Mit ln -sf /usr/src/linux-2.4.22 /usr/src/linux würdest du den Symlink erstellen, der zur obigen Ausgabe führt.  linux-2.4.22 wäre in dem Fall ein Vanilla-Kernel, musst halt schauen, wie der Kernel & die Version heissen, die du in /usr/src liegen hast.

BTW: Auf gentoo.de gibt's viel Doku zu lesen, sicherlich auch eine Doku in der obiges beschrieben ist ...  :Wink: 

Tobias

----------

## weltraumfahrer

Hi,

muß ich mich wohl nochmal einmischen.

Ja, du musst entweder kernel '2.4.21' nehmen oder 'ac' weil beim neuesten der 'via-rhine' Netzwerktreiber kaputt ist.

Ich habe den kernel nach Anleitung auf blade5... installiert. Der hat alles und kann alles  :Wink: 

Symlink:

cd /usr/src

ln -s linux.wasauchimmer linux

Frank

----------

## trashcity

ich hab gerade einen Kernel mit make dep&&make bzImage modules modules_install install erstellt nur 

mit make dep && clean bzImage modules modules_install bricht er immer ab wieso macht er das

----------

## dertobi123

 *trashcity wrote:*   

> ich hab gerade einen Kernel mit make dep&&make bzImage modules modules_install install erstellt nur 
> 
> mit make dep && clean bzImage modules modules_install bricht er immer ab wieso macht er das

 

Zum letzten Mal:

Wenn du uns die Fehlermeldung nicht nennst, können wir dir nicht sagen wieso das nicht geht.

Tobias

----------

## trashcity

ein gosse problem ist ergiebt mir keine fehler meldung

er kompiliert und bricht dann einfach ab 

was einfach heist auf dem screen sind viele krübtische zeichen und dann blözlich 

cdimage # 

und dann nix mehr 

versuche gerade neu zu kompelieren und hab auch denn link neu erstellt

----------

## trashcity

Da Problem stellt sich wie folgt vor 

Ich hab meinen Server mit gentoo auf einem Epia Me1000 Laufen. da hat die Installation beim ersten mal gleich geklabt  

So jetzt spiele ich mich schon seit zwei Wochen mit der Installation auf dem Epia Me600 Platform  

Die beiden sind eigentlich seht gleich bis auf die Cpu 

Folgende Probleme treten auf 

1. nach start von der Live CD (686) geht auf dem ME600 der Via-rhine Treiber nicht korrekt und auf dem ME1000 schon die CD ist die gleiche  

2. die eine Kiste (ME1000) startet die andere Kiste (ME600)nicht sind bis auf die Cflages gleich und auch den kernel hab ich mit ac-source und den gleichen Einstellungen gebaut  

folgendes geschieht ich starte die Kiste (ME600) und der Grub erscheint ich wähle mein gentoo und dann sollte gentoo eigentlich starten aber das einzige was geschieht ist das der Rechner neu startet und die Sache von vorne losgeht. Es kommt auch keine Fehlermeldung  

So den boot flag hab ich richtig auf hda1 gesetzt (Überprüft )  
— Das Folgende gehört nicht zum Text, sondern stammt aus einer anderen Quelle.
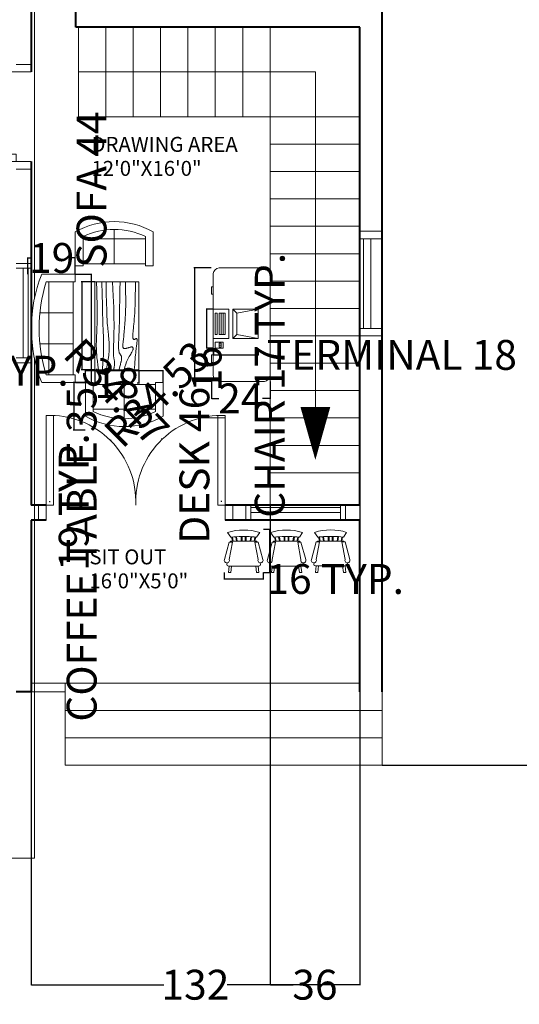
# Model space of a CAD drawing. Units: inches. Extents: x -101 to 786, y 26 to 880.
# Tile 2 of 9: x 178 to 379, y 26 to 422. Entities that reach past the tile are written whole.
import ezdxf

# ---------------------------------------------------------------- set-up
doc = ezdxf.new("R2010")
doc.units = ezdxf.units.IN
doc.header["$MEASUREMENT"] = 0
for name, color, linetype, lineweight in [('A-ANNO-DIMS', 2, 'Continuous', 18), ('A-ANNO-SYMB', 2, 'Continuous', 18), ('A-AREA-IDEN', 7, 'Continuous', 18), ('A-DOOR', 4, 'Continuous', 20), ('A-EQPM', 8, 'Continuous', 13), ('A-FLOR-STRS', 7, 'Continuous', 20), ('A-FURN', 8, 'Continuous', 13), ('A-GLAZ', 4, 'Continuous', 18), ('A-WALL', 7, 'Continuous', 40)]:
    doc.layers.add(name, color=color, linetype=linetype, lineweight=lineweight)
doc.styles.get("Standard").update_dxf_attribs({"font": 'arial.ttf'})
doc.dimstyles.get("Standard").update_dxf_attribs({"dimtxt": 12, "dimasz": 0.18, "dimexe": 0.18, "dimexo": 0.0625, "dimgap": 0.09, "dimtad": 0, "dimdec": 1, "dimzin": 0, "dimdsep": 46, "dimlunit": 3, "dimtxsty": 'Standard', "dimcen": 0.09, "dimadec": 0, "dimazin": 0, "dimtfac": 1, "dimtdec": 1, "dimtofl": 0, "dimtmove": 0, "dimatfit": 3, "dimfxl": 1, "dimtolj": 1, "dimtzin": 0, "dimarcsym": 0})

# ---------------------------------------------------------------- blocks, each defined once
blk = doc.blocks.new('Desk - 30 x 60 in.')
for p, q in [((-26.999995, 0), (26.999995, 0)), ((-29.999995, -27), (-29.999995, -3)), ((29.999995, -3), (29.999995, -27)), ((26.999995, -30), (-26.999995, -30)), ((-20.000005, -30), (-20.000005, -31)), ((-20.000005, -31), (-16.000005, -31)), ((-16.000005, -31), (-16.000005, -30)), ((15.999995, -31), (15.999995, -30)), ((19.999995, -31), (15.999995, -31)), ((19.999995, -30), (19.999995, -31))]:
    blk.add_line(p, q)
for centre, start, end in [((-26.499995, -3.5), 98.1301, 171.8699), ((26.499995, -3.5), 8.130102, 81.8699), ((-26.499995, -26.5), 188.1301, 261.8699), ((26.499995, -26.5), 278.1301, 351.8699)]:
    blk.add_arc(centre, 3.535534, start, end)
blk = doc.blocks.new('Sofa - Roundback 7 ft.')
for p, q in [((-12.00002, -32.4421), (-12.00003, -6.5971)), ((11.99997, -32.4421), (11.99998, -6.5971)), ((-36.000027, -34), (-36.000027, -11.4696)), ((-35.999844, -13.3819), (35.9998, -13.3819)), ((35.99998, -34), (35.99998, -11.4696)), ((-36.000027, -32.4421), (35.99998, -32.4421))]:
    blk.add_line(p, q)
for points in [[(-36.000027, -34), (-42.000027, -34), (-42.000027, -8)], [(41.99998, -8), (41.99998, -34), (35.99998, -34)]]:
    blk.add_lwpolyline(points)
for centre, radius, start, end in [((0, -114.25), 114.25, 68.43141, 111.5686), ((-0.00001, -127.1968), 121.1968, 72.72033, 107.2797)]:
    blk.add_arc(centre, radius, start, end)
blk = doc.blocks.new('Sofa - Roundback Loveseat 5 ft.')
for p, q in [((0, -32.44198), (0, -5.99998)), ((-24, -33.99998), (-24, -11.46958)), ((-23.9998, -13.38178), (23.99986, -13.38178)), ((24.00004, -33.99998), (24.00004, -11.46958)), ((-24, -32.44198), (24.00004, -32.44198))]:
    blk.add_line(p, q)
for points in [[(-24, -33.99998), (-30, -33.99998), (-30, -7.99998)], [(30.00004, -7.99998), (30.00004, -33.99998), (24.00004, -33.99998)]]:
    blk.add_lwpolyline(points)
for centre, radius, start, end in [((0, -60.24998), 60.24998, 60.13715, 119.8628), ((0, -61.38438), 55.38444, 64.32083, 115.6792)]:
    blk.add_arc(centre, radius, start, end)
blk = doc.blocks.new('Table - Rectangular Woodgrain 60 x 30 in.')
for p, q in [((0, 0), (0, -30)), ((60, 0), (0, 0)), ((60, -30), (60, 0)), ((0, -30), (60, -30))]:
    blk.add_line(p, q)
for points in [[(0, -2.4), (4.8155, -2.418), (9.0302, -2.4688), (12.709, -2.5477), (15.9167, -2.65), (18.7181, -2.7711), (21.1781, -2.9063), (23.3616, -3.0508), (25.3333, -3.2), (27.1477, -3.3495), (28.8172, -3.4958), (30.3437, -3.636), (31.7291, -3.7667), (32.9756, -3.8849), (34.0849, -3.9875), (35.059, -4.0714), (35.9, -4.1334), (36.6114, -4.1711), (37.2041, -4.1854), (37.6906, -4.1779), (38.0833, -4.15), (38.3948, -4.1034), (38.6375, -4.0396), (38.8239, -3.9602), (38.9666, -3.8667), (39.0764, -3.7608), (39.1573, -3.6448), (39.2116, -3.521), (39.2416, -3.3917), (39.2498, -3.2593), (39.2385, -3.1261), (39.21, -2.9944), (39.1666, -2.8667), (39.111, -2.7447), (39.0468, -2.6281), (38.978, -2.5163), (38.9083, -2.4083), (38.8418, -2.3035), (38.7823, -2.201), (38.7337, -2.1001), (38.7, -2), (38.6844, -1.9003), (38.6875, -1.8021), (38.7094, -1.707), (38.75, -1.6167), (38.8094, -1.5326), (38.8875, -1.4563), (38.9844, -1.3893), (39.1, -1.3333), (39.2351, -1.2896), (39.3937, -1.2583), (39.5804, -1.2396), (39.8, -1.2333), (40.057, -1.2396), (40.3562, -1.2583), (40.7023, -1.2896), (41.1, -1.3333), (41.5547, -1.3895), (42.0755, -1.4573), (42.6721, -1.5361), (43.3542, -1.625), (44.1316, -1.7233), (45.014, -1.8302), (46.0114, -1.9449), (47.1333, -2.0667), (48.3862, -2.1947), (49.7625, -2.3281), (51.2513, -2.4663), (52.8416, -2.6083), (54.5226, -2.7535), (56.2833, -2.9011), (58.1127, -3.0501), (60, -3.2)], [(0, -9.2), (6.5759, -9.0858), (11.9385, -9.0365), (16.2527, -9.0418), (19.6833, -9.0917), (22.3952, -9.1759), (24.5531, -9.2844), (26.322, -9.4069), (27.8666, -9.5333), (29.3241, -9.6553), (30.7203, -9.7719), (32.0532, -9.8837), (33.3208, -9.9917), (34.5213, -10.0965), (35.6526, -10.199), (36.7128, -10.2999), (37.7, -10.4), (38.6129, -10.4996), (39.4531, -10.5969), (40.223, -10.6895), (40.925, -10.775), (41.5613, -10.8512), (42.1344, -10.9156), (42.6465, -10.966), (43.1, -11), (43.4976, -11.0158), (43.8437, -11.0136), (44.143, -10.9942), (44.4, -10.9583), (44.6195, -10.9069), (44.8062, -10.8406), (44.9648, -10.7603), (45.1, -10.6667), (45.2155, -10.5598), (45.3114, -10.4365), (45.3871, -10.2929), (45.4416, -10.125), (45.4743, -9.929), (45.4844, -9.7011), (45.4709, -9.4371), (45.4333, -9.1333), (45.3716, -8.7883), (45.2896, -8.4104), (45.1919, -8.0107), (45.0833, -7.6), (44.9685, -7.1893), (44.8521, -6.7896), (44.7388, -6.4117), (44.6333, -6.0667), (44.54, -5.7628), (44.4614, -5.4979), (44.4001, -5.2675), (44.3583, -5.0667), (44.3384, -4.8909), (44.3427, -4.7354), (44.3736, -4.5956), (44.4333, -4.4667), (44.5236, -4.3453), (44.6427, -4.2333), (44.7884, -4.1339), (44.9583, -4.05), (45.1501, -3.9849), (45.3614, -3.9417), (45.59, -3.9234), (45.8333, -3.9333), (46.0915, -3.9749), (46.3734, -4.0531), (46.6906, -4.1736), (47.0542, -4.3417), (47.4756, -4.5629), (47.9661, -4.8427), (48.5372, -5.1866), (49.2, -5.6), (49.9676, -6.0844), (50.8594, -6.625), (51.8965, -7.2031), (53.1, -7.8), (54.491, -8.3969), (56.0906, -8.975), (57.9199, -9.5156), (60, -10)], [(0, -12.8), (5.1847, -12.9322), (9.6213, -13.0323), (13.3963, -13.1059), (16.5958, -13.1583), (19.3063, -13.1952), (21.614, -13.2219), (23.6054, -13.2439), (25.3666, -13.2667), (26.9728, -13.2947), (28.4531, -13.3281), (29.8256, -13.3663), (31.1083, -13.4083), (32.3191, -13.4535), (33.476, -13.501), (34.597, -13.5501), (35.7, -13.6), (36.7984, -13.6497), (37.8875, -13.6979), (38.9578, -13.743), (40, -13.7833), (41.0047, -13.8174), (41.9625, -13.8438), (42.864, -13.8607), (43.7, -13.8667), (44.4631, -13.8604), (45.1552, -13.8417), (45.7801, -13.8104), (46.3416, -13.7667), (46.8439, -13.7104), (47.2906, -13.6417), (47.6858, -13.5604), (48.0333, -13.4667), (48.3375, -13.3608), (48.6042, -13.2448), (48.8396, -13.121), (49.05, -12.9917), (49.2417, -12.8593), (49.4208, -12.7261), (49.5937, -12.5944), (49.7667, -12.4667), (49.9452, -12.3451), (50.1323, -12.2313), (50.3303, -12.1268), (50.5416, -12.0333), (50.7686, -11.9524), (51.0135, -11.8854), (51.2788, -11.8341), (51.5666, -11.8), (51.8785, -11.7843), (52.2116, -11.7865), (52.562, -11.8059), (52.926, -11.8417), (53.2998, -11.8931), (53.6795, -11.9594), (54.0614, -12.0397), (54.4416, -12.1333), (54.8223, -12.2401), (55.2293, -12.3625), (55.6942, -12.5037), (56.2489, -12.6667), (56.9251, -12.8547), (57.7545, -13.0708), (58.7689, -13.3182), (60, -13.6)], [(0, -18), (5.124, -17.7273), (9.6609, -17.5057), (13.6705, -17.3303), (17.2125, -17.1958), (20.3467, -17.0973), (23.1328, -17.0297), (25.6307, -16.9878), (27.9, -16.9667), (29.9928, -16.9617), (31.9302, -16.9703), (33.7254, -16.9907), (35.3917, -17.0208), (36.9423, -17.0588), (38.3906, -17.1026), (39.7499, -17.1503), (41.0333, -17.2), (42.2519, -17.2496), (43.4073, -17.2969), (44.4986, -17.3395), (45.525, -17.375), (46.4858, -17.4012), (47.3802, -17.4156), (48.2074, -17.416), (48.9667, -17.4), (49.6583, -17.3662), (50.2872, -17.3167), (50.8595, -17.2547), (51.3812, -17.1833), (51.8584, -17.1057), (52.2971, -17.025), (52.7034, -16.9443), (53.0833, -16.8667), (53.443, -16.7951), (53.789, -16.7313), (54.128, -16.6768), (54.4666, -16.6334), (54.8115, -16.6024), (55.1693, -16.5854), (55.5465, -16.5841), (55.95, -16.6), (56.3828, -16.6337), (56.8346, -16.6823), (57.2915, -16.7418), (57.7396, -16.8084), (58.165, -16.878), (58.5539, -16.9469), (58.8924, -17.0111), (59.1666, -17.0667), (59.3679, -17.1107), (59.5078, -17.1438), (59.6032, -17.1675), (59.6708, -17.1833), (59.7275, -17.193), (59.7901, -17.1979), (59.8753, -17.1998), (60, -17.2)], [(0, -22.4), (8.0098, -22.2501), (14.4094, -22.1011), (19.4168, -21.9535), (23.25, -21.8083), (26.1269, -21.6663), (28.2656, -21.5281), (29.884, -21.3947), (31.2, -21.2667), (32.3967, -21.1448), (33.5172, -21.0292), (34.5697, -20.9198), (35.5625, -20.8167), (36.5037, -20.7198), (37.4015, -20.6292), (38.2642, -20.5448), (39.1, -20.4667), (39.9164, -20.3951), (40.7187, -20.3313), (41.5117, -20.2768), (42.3, -20.2333), (43.0883, -20.2024), (43.8812, -20.1854), (44.6836, -20.1841), (45.5, -20.2), (46.3328, -20.234), (47.1747, -20.2844), (48.0163, -20.3488), (48.8479, -20.425), (49.66, -20.5106), (50.4429, -20.6031), (51.1872, -20.7004), (51.8833, -20.8), (52.5246, -20.8999), (53.1166, -20.9995), (53.6681, -21.0983), (54.1875, -21.1958), (54.6834, -21.2919), (55.1646, -21.3859), (55.6394, -21.4777), (56.1167, -21.5667), (56.6028, -21.6515), (57.0961, -21.7266), (57.5929, -21.7852), (58.0896, -21.8208), (58.5823, -21.8268), (59.0674, -21.7964), (59.5412, -21.723), (60, -21.6)], [(0, -25.2), (8.6355, -25.0504), (15.7026, -24.9031), (21.4049, -24.7606), (25.9458, -24.625), (29.529, -24.4988), (32.3578, -24.3844), (34.6359, -24.284), (36.5667, -24.2), (38.3213, -24.1341), (39.9417, -24.0854), (41.437, -24.0523), (42.8167, -24.0333), (44.0901, -24.0268), (45.2667, -24.0313), (46.3557, -24.0451), (47.3667, -24.0667), (48.309, -24.0947), (49.1928, -24.1287), (50.0284, -24.168), (50.826, -24.2125), (51.5959, -24.2617), (52.3483, -24.3151), (53.0935, -24.3725), (53.8417, -24.4334), (54.6009, -24.497), (55.3699, -24.561), (56.1454, -24.6226), (56.9239, -24.6792), (57.7021, -24.7279), (58.4764, -24.7662), (59.2435, -24.7911), (60, -24.8)], [(0, -28.8), (5.6867, -28.6681), (10.45, -28.5698), (14.407, -28.5012), (17.675, -28.4584), (20.3711, -28.4374), (22.6125, -28.4344), (24.5164, -28.4455), (26.2, -28.4667), (27.762, -28.4947), (29.2276, -28.5281), (30.6033, -28.5663), (31.8958, -28.6084), (33.1118, -28.6535), (34.2578, -28.7011), (35.3405, -28.7501), (36.3666, -28.8), (37.3443, -28.8497), (38.288, -28.8974), (39.2137, -28.9412), (40.1375, -28.9792), (41.0753, -29.0093), (42.0432, -29.0297), (43.0572, -29.0384), (44.1333, -29.0333), (45.2936, -29.0114), (46.5843, -28.9641), (48.0579, -28.8816), (49.7666, -28.7542), (51.7629, -28.5721), (54.0989, -28.3255), (56.8272, -28.0048), (60, -27.6)]]:
    blk.add_lwpolyline(points)
blk = doc.blocks.new('Computer Terminal')
for p, q in [((-10, 11.5), (5, 11.5)), ((-8, 0.5), (-10, 11.5)), ((-10, -1.5), (-10, 11.5)), ((5, 11.5), (3, 0.5)), ((5, 11.5), (5, -1.5)), ((-10, -1.5), (-8, 0.5)), ((3, 0.5), (-8, 0.5)), ((3, 0.5), (5, -1.5)), ((5, -1.5), (-10, -1.5)), ((-10, -11.5), (-10, -3.5)), ((-10, -3.5), (5, -3.5)), ((5, -3.5), (5, -11.5)), ((-8, -5.5), (-8, -8.5)), ((3, -5.5), (-8, -5.5)), ((3, -6.5), (-8, -6.5)), ((-8, -7.5), (3, -7.5)), ((-8, -8.5), (3, -8.5)), ((-8, -9.5), (-8, -10.5)), ((3, -9.5), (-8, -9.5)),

Die einträge in der Fstab sind auch richtig (Überprüft)  

Die grub.conf ist auch richtig (Überprüft)  

Grub hab ich noch nicht überprüft  

Hat jemand noch eine Idee 

Bitte Posten und sei es noch so blöd

----------

## weltraumfahrer

Hi,

zu 1.: Der Via-Rhine in 2.4.22 ist 'broken', du brauchst 'nen 2.4.21.

zu 2.: Du hast den falschen Prozesoor im Kernel ausgewählt! Es ist ein 'CyrixIII/VIA-C3'

Frank

----------

## trashcity

danke 

numer zwei war es 

wo bitte hast du die info den her?  :Shocked: 

----------

## IamtheOne

Sorry, about not speaking german, but the wiki is not at blade5.bvu.edu anymore.  It is now at http://www.alterself.com/~epia/wiki/.

----------